Neutralization of TNFα Prevents LPS-Induced Modifications in Spontaneous Network Activity and Cell Death In Vivo

Next, we addressed the significance of our in vitro results for the in vivo situation. First, we checked TNFα protein levels in response to intracortical LPS injections by western blotting. A strong increase in the levels of soluble TNFα (17kDa) could be detected in LPS-treated tissue compared with the PBS control (Fig. 8Ai), while levels of the loading control α-tubulin (55 kDa) are similar in both samples. We then injected an anti-TNFα antibody into LPS-treated cortices. Blocking TNFα action in vivo significantly prevented the LPS-induced decrease in the occurrence of spindle bursts and gamma oscillations (n = 13 for PBS, 18 for LPS, 5 for LPS + anti-TNFα, P= 0.0081 and 0.01, respectively, Fig. 8Aii). Similarly, treatment with anti-TNFα antibodies prevented the prolongation of the duration for spindle bursts as well as gamma oscillations (n = 13 for PBS, 18 for LPS, 5 for LPS + anti-TNFα, P= 0.0009 and 0.0052, respectively, Fig. 8Aiii). Similar with the in vitro results (Fig. 5C), the amount of spike number showed a slight but not significant increase after LPS treatment, and treatment with anti-TNFα led to a normalization of the relative amount of multi-unit activity (MUA) (Fig. 8Aiv).

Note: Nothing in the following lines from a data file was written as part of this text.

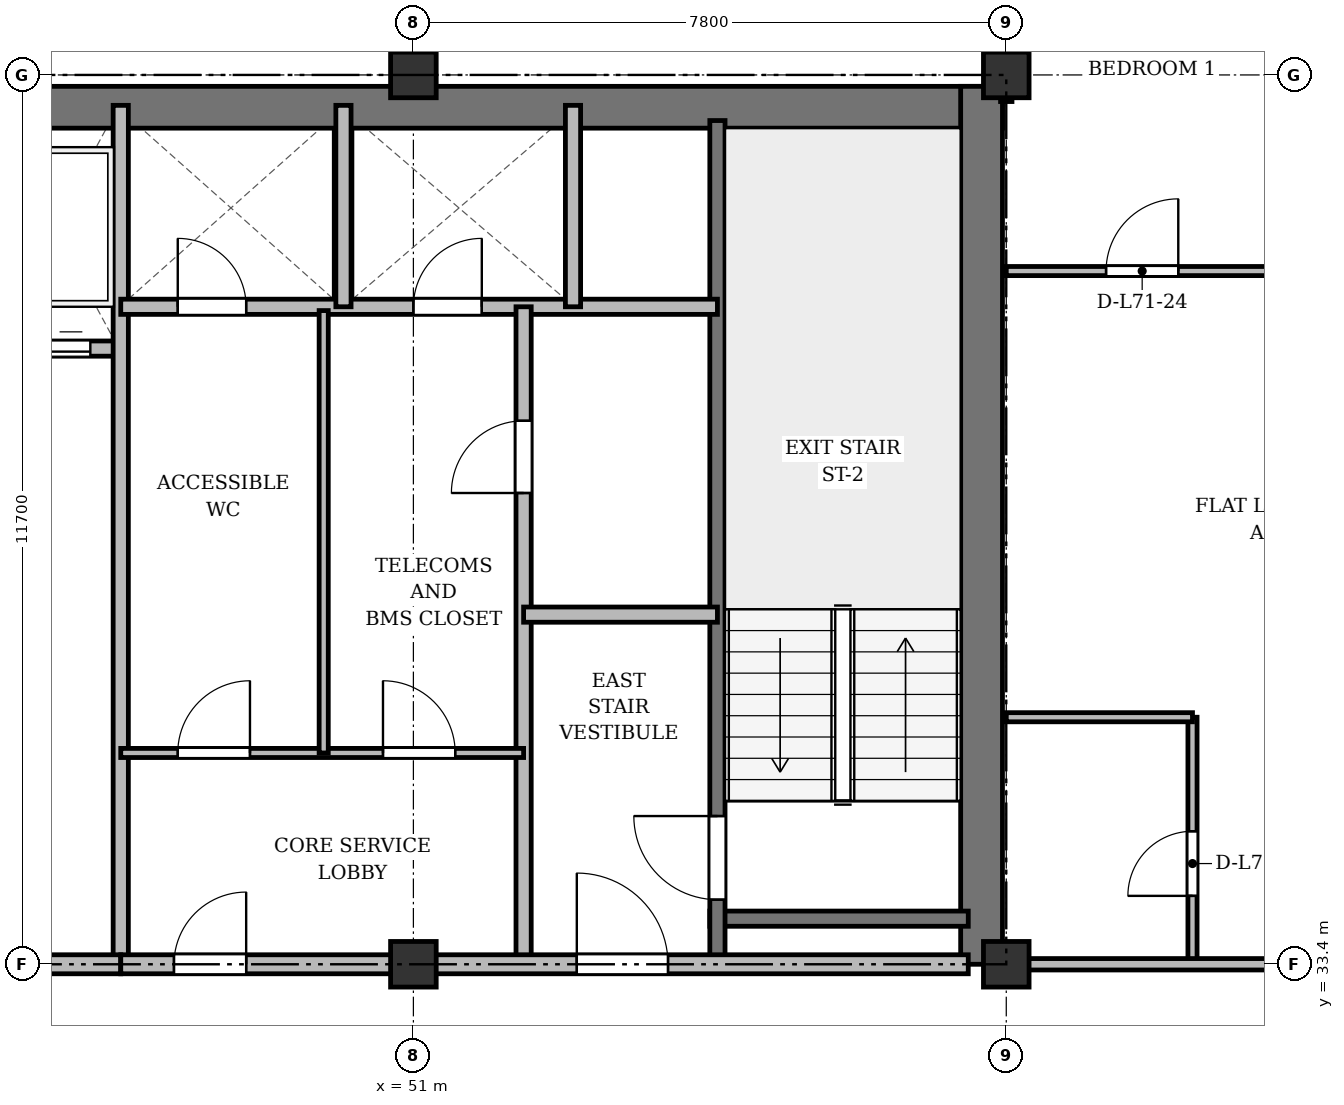
"""IFC4 building model, lengths in metres.
Left out: names, types, materials, properties, quantities, classifications, styles, units other than length and angle.
Written with IfcOpenShell. Run it as: python <this file> out.ifc"""

import sys

from ifc_helpers import new_model, si_unit, direction, frame, frame_2d, origin, origin_2d, place, context, subcontext, project, spatial, rectangle, extrude, source, transform, mapped, element, fill, save


model = new_model("IFC4")
c1 = context("Model", 3, precision=1e-05, world=origin(), true_north=direction((0.0, 1.0)))
c2 = subcontext(c1, "Body", "Model", "MODEL_VIEW")
j1 = project(units=[si_unit("LENGTHUNIT", "METRE"), si_unit("PLANEANGLEUNIT", "RADIAN")], contexts=[c1])
p1 = place(None, origin())
s1 = spatial("IfcSite", under=j1, at=p1, CompositionType="ELEMENT")
p2 = place(p1, origin())
s2 = spatial("IfcBuilding", under=s1, at=p2, CompositionType="ELEMENT")
p3 = place(p2, frame((0.0, 0.0, 273.9)))
s3 = spatial("IfcBuildingStorey", under=s2, at=p3, CompositionType="ELEMENT", Elevation=273.9)
m1 = source(origin(), c2, "Body", "SweptSolid", [
    extrude(rectangle(XDim=0.6, YDim=0.6, at=origin_2d()), origin(), (0.0, 0.0, 1.0), 3.6),
])
for number, where, z_axis, x_axis in (
    (1, (51.0, 33.4, 0.0), (0.0, 0.0, 1.0), (1.0, 0.0, 0.0)),
    (2, (51.0, 45.1, 0.0), (0.0, 0.0, 1.0), (1.0, 0.0, 0.0)),
    (3, (58.8, 33.4, 0.0), (0.0, 0.0, 1.0), (1.0, 0.0, 0.0)),
    (4, (58.8, 45.1, 0.0), (0.0, 0.0, 1.0), (1.0, 0.0, 0.0)),
):
    element("IfcColumn", number, at=place(p3, frame(where, z_axis=z_axis, x_axis=x_axis)), inside=s3, PredefinedType="COLUMN", context=c2, shape_type="MappedRepresentation", body=[
        mapped(m1, transform((0.0, 0.0, 0.0), x_axis=(1.0, 0.0, 0.0), y_axis=(0.0, 1.0, 0.0), z_axis=(0.0, 0.0, 1.0), scale=1.0)),
    ])
p4 = place(p3, frame((15.65, 44.675, 0.0), z_axis=(0.0, 0.0, 1.0), x_axis=(1.0, 0.0, 0.0)))
e5 = element("IfcWall", 5, at=p4, inside=s3, PredefinedType="SHEAR", context=c2, shape_type="SweptSolid", body=[
    extrude(rectangle(XDim=43.1, YDim=0.55, at=frame_2d((21.55, 0.0))), origin(), (0.0, 0.0, 1.0), 3.37),
])
p5 = place(p3, frame((58.475, 33.4, 0.0), z_axis=(0.0, 0.0, 1.0), x_axis=(0.0, 1.0, 0.0)))
e6 = element("IfcWall", 6, at=p5, inside=s3, PredefinedType="SHEAR", context=c2, shape_type="SweptSolid", body=[
    extrude(rectangle(XDim=11.55, YDim=0.55, at=frame_2d((5.775, 0.0))), origin(), (0.0, 0.0, 1.0), 3.37),
])
p6 = place(p3, frame((54.9, 34.0, 0.0), z_axis=(0.0, 0.0, 1.0), x_axis=(1.0, 0.0, 0.0)))
e7 = element("IfcWall", 7, at=p6, inside=s3, PredefinedType="SHEAR", context=c2, shape_type="SweptSolid", body=[
    extrude(rectangle(XDim=3.4, YDim=0.2, at=frame_2d((1.7, 0.0))), origin(), (0.0, 0.0, 1.0), 3.37),
])
p7 = place(p3, frame((55.0, 33.4, 0.0), z_axis=(0.0, 0.0, 1.0), x_axis=(0.0, 1.0, 0.0)))
e8 = element("IfcWall", 8, at=p7, inside=s3, PredefinedType="SHEAR", context=c2, shape_type="SweptSolid", body=[
    extrude(rectangle(XDim=11.1, YDim=0.2, at=frame_2d((5.55, 0.0))), origin(), (0.0, 0.0, 1.0), 3.37),
])
p8 = place(p7, frame((0.85, 0.0, 0.0)))
e9 = element("IfcOpeningElement", 9, at=p8, cuts=e8, PredefinedType="OPENING", context=c2, shape_type="SweptSolid", body=[
    extrude(rectangle(XDim=1.1, YDim=2.15, at=frame_2d((0.55, 1.075))), frame((0.0, 0.11, 0.0), z_axis=(0.0, -1.0, 0.0), x_axis=(1.0, 0.0, 0.0)), (0.0, 0.0, 1.0), 0.22),
])
p9 = place(p3, frame((40.25, 41.5, 0.0), z_axis=(0.0, 0.0, 1.0), x_axis=(1.0, 0.0, 0.0)))
e10 = element("IfcWall", 10, at=p9, inside=s3, PredefinedType="SOLIDWALL", context=c2, shape_type="SweptSolid", body=[
    extrude(rectangle(XDim=6.9, YDim=0.2, at=frame_2d((3.45, 0.0))), origin(), (0.0, 0.0, 1.0), 3.37),
])
p10 = place(p9, frame((0.35, 0.0, 0.0)))
e11 = element("IfcOpeningElement", 11, at=p10, cuts=e10, PredefinedType="OPENING", context=c2, shape_type="SweptSolid", body=[
    extrude(rectangle(XDim=1.05, YDim=2.15, at=frame_2d((0.525, 1.075))), frame((0.0, 0.11, 0.0), z_axis=(0.0, -1.0, 0.0), x_axis=(1.0, 0.0, 0.0)), (0.0, 0.0, 1.0), 0.22),
])
p11 = place(p9, frame((2.05, 0.0, 0.0)))
e12 = element("IfcOpeningElement", 12, at=p11, cuts=e10, PredefinedType="OPENING", context=c2, shape_type="SweptSolid", body=[
    extrude(rectangle(XDim=1.05, YDim=2.15, at=frame_2d((0.525, 1.075))), frame((0.0, 0.11, 0.0), z_axis=(0.0, -1.0, 0.0), x_axis=(1.0, 0.0, 0.0)), (0.0, 0.0, 1.0), 0.22),
])
p12 = place(p9, frame((3.75, 0.0, 0.0)))
e13 = element("IfcOpeningElement", 13, at=p12, cuts=e10, PredefinedType="OPENING", context=c2, shape_type="SweptSolid", body=[
    extrude(rectangle(XDim=1.05, YDim=2.15, at=frame_2d((0.525, 1.075))), frame((0.0, 0.11, 0.0), z_axis=(0.0, -1.0, 0.0), x_axis=(1.0, 0.0, 0.0)), (0.0, 0.0, 1.0), 0.22),
])
p13 = place(p9, frame((5.45, 0.0, 0.0)))
e14 = element("IfcOpeningElement", 14, at=p13, cuts=e10, PredefinedType="OPENING", context=c2, shape_type="SweptSolid", body=[
    extrude(rectangle(XDim=1.05, YDim=2.15, at=frame_2d((0.525, 1.075))), frame((0.0, 0.11, 0.0), z_axis=(0.0, -1.0, 0.0), x_axis=(1.0, 0.0, 0.0)), (0.0, 0.0, 1.0), 0.22),
])
p14 = place(p3, frame((47.15, 33.4, 0.0), z_axis=(0.0, 0.0, 1.0), x_axis=(0.0, 1.0, 0.0)))
e15 = element("IfcWall", 15, at=p14, inside=s3, PredefinedType="SOLIDWALL", context=c2, shape_type="SweptSolid", body=[
    extrude(rectangle(XDim=11.3, YDim=0.2, at=frame_2d((5.65, 0.0))), origin(), (0.0, 0.0, 1.0), 2.92),
])
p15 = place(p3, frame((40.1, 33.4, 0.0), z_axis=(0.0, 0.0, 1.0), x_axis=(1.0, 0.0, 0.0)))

However, the relative BI did not change after LPS application or treatment with LPS combined with anti-TNFα (Fig. 8Aiv).

Figure 8.

LPS-induced inflammation in the newborn rat somatosensory cortex in vivo can be blocked by treatment with anti-TNFα (aTNFα) antibodies. (A) Western blot analyses show an increase of soluble TNFα protein in LPS-treated tissue when compared with PBS-treated controls. The levels of the loading control α-tubulin are similar in both samples (i). LPS-induced modifications in the relative occurrence (ii) and duration (iii) of spontaneous spindle bursts (left) and gamma oscillations (right) when compared with PBS-treated control animals and LPS + anti-TNFα–treated animals. (iv) A comparison of relative multi-unit activity (MUA) and relative BI reveals no significant difference between the 3 groups. (Bi) Image of Nissl-stained coronal section shows the regions selected for quantification, a region marked by rectangle in the non-injected left hemisphere serves as a control, while the region marked by rectangle in the right hemisphere is close to the injection site. (ii) Images show cleaved casp-3–positive cells in the non-injected site (left), and cleaved casp-3–positive cells in the PBS, LPS, and LPS + anti-TNFα–injected site (right). (iii) PBS injection has no effect on the number of apoptotic cells. LPS treatment leads to a significant increase in casp-3–positive cells, which is blocked by injection of LPS + anti-TNFα. Data are based on 14 slices from 5 rats in the PBS group, 15 slices from 7 rats in the LPS group, and 13 slices from 5 rats in the LPS + aTNFα group.

Figure 8.

LPS-induced inflammation in the newborn rat somatosensory cortex in vivo can be blocked by treatment with anti-TNFα (aTNFα) antibodies. (A) Western blot analyses show an increase of soluble TNFα protein in LPS-treated tissue when compared with PBS-treated controls. The levels of the loading control α-tubulin are similar in both samples (i). LPS-induced modifications in the relative occurrence (ii) and duration (iii) of spontaneous spindle bursts (left) and gamma oscillations (right) when compared with PBS-treated control animals and LPS + anti-TNFα–treated animals. (iv) A comparison of relative multi-unit activity (MUA) and relative BI reveals no significant difference between the 3 groups. (Bi) Image of Nissl-stained coronal section shows the regions selected for quantification, a region marked by rectangle in the non-injected left hemisphere serves as a control, while the region marked by rectangle in the right hemisphere is close to the injection site. (ii) Images show cleaved casp-3–positive cells in the non-injected site (left), and cleaved casp-3–positive cells in the PBS, LPS, and LPS + anti-TNFα–injected site (right). (iii) PBS injection has no effect on the number of apoptotic cells. LPS treatment leads to a significant increase in casp-3–positive cells, which is blocked by injection of LPS + anti-TNFα. Data are based on 14 slices from 5 rats in the PBS group, 15 slices from 7 rats in the LPS group, and 13 slices from 5 rats in the LPS + aTNFα group.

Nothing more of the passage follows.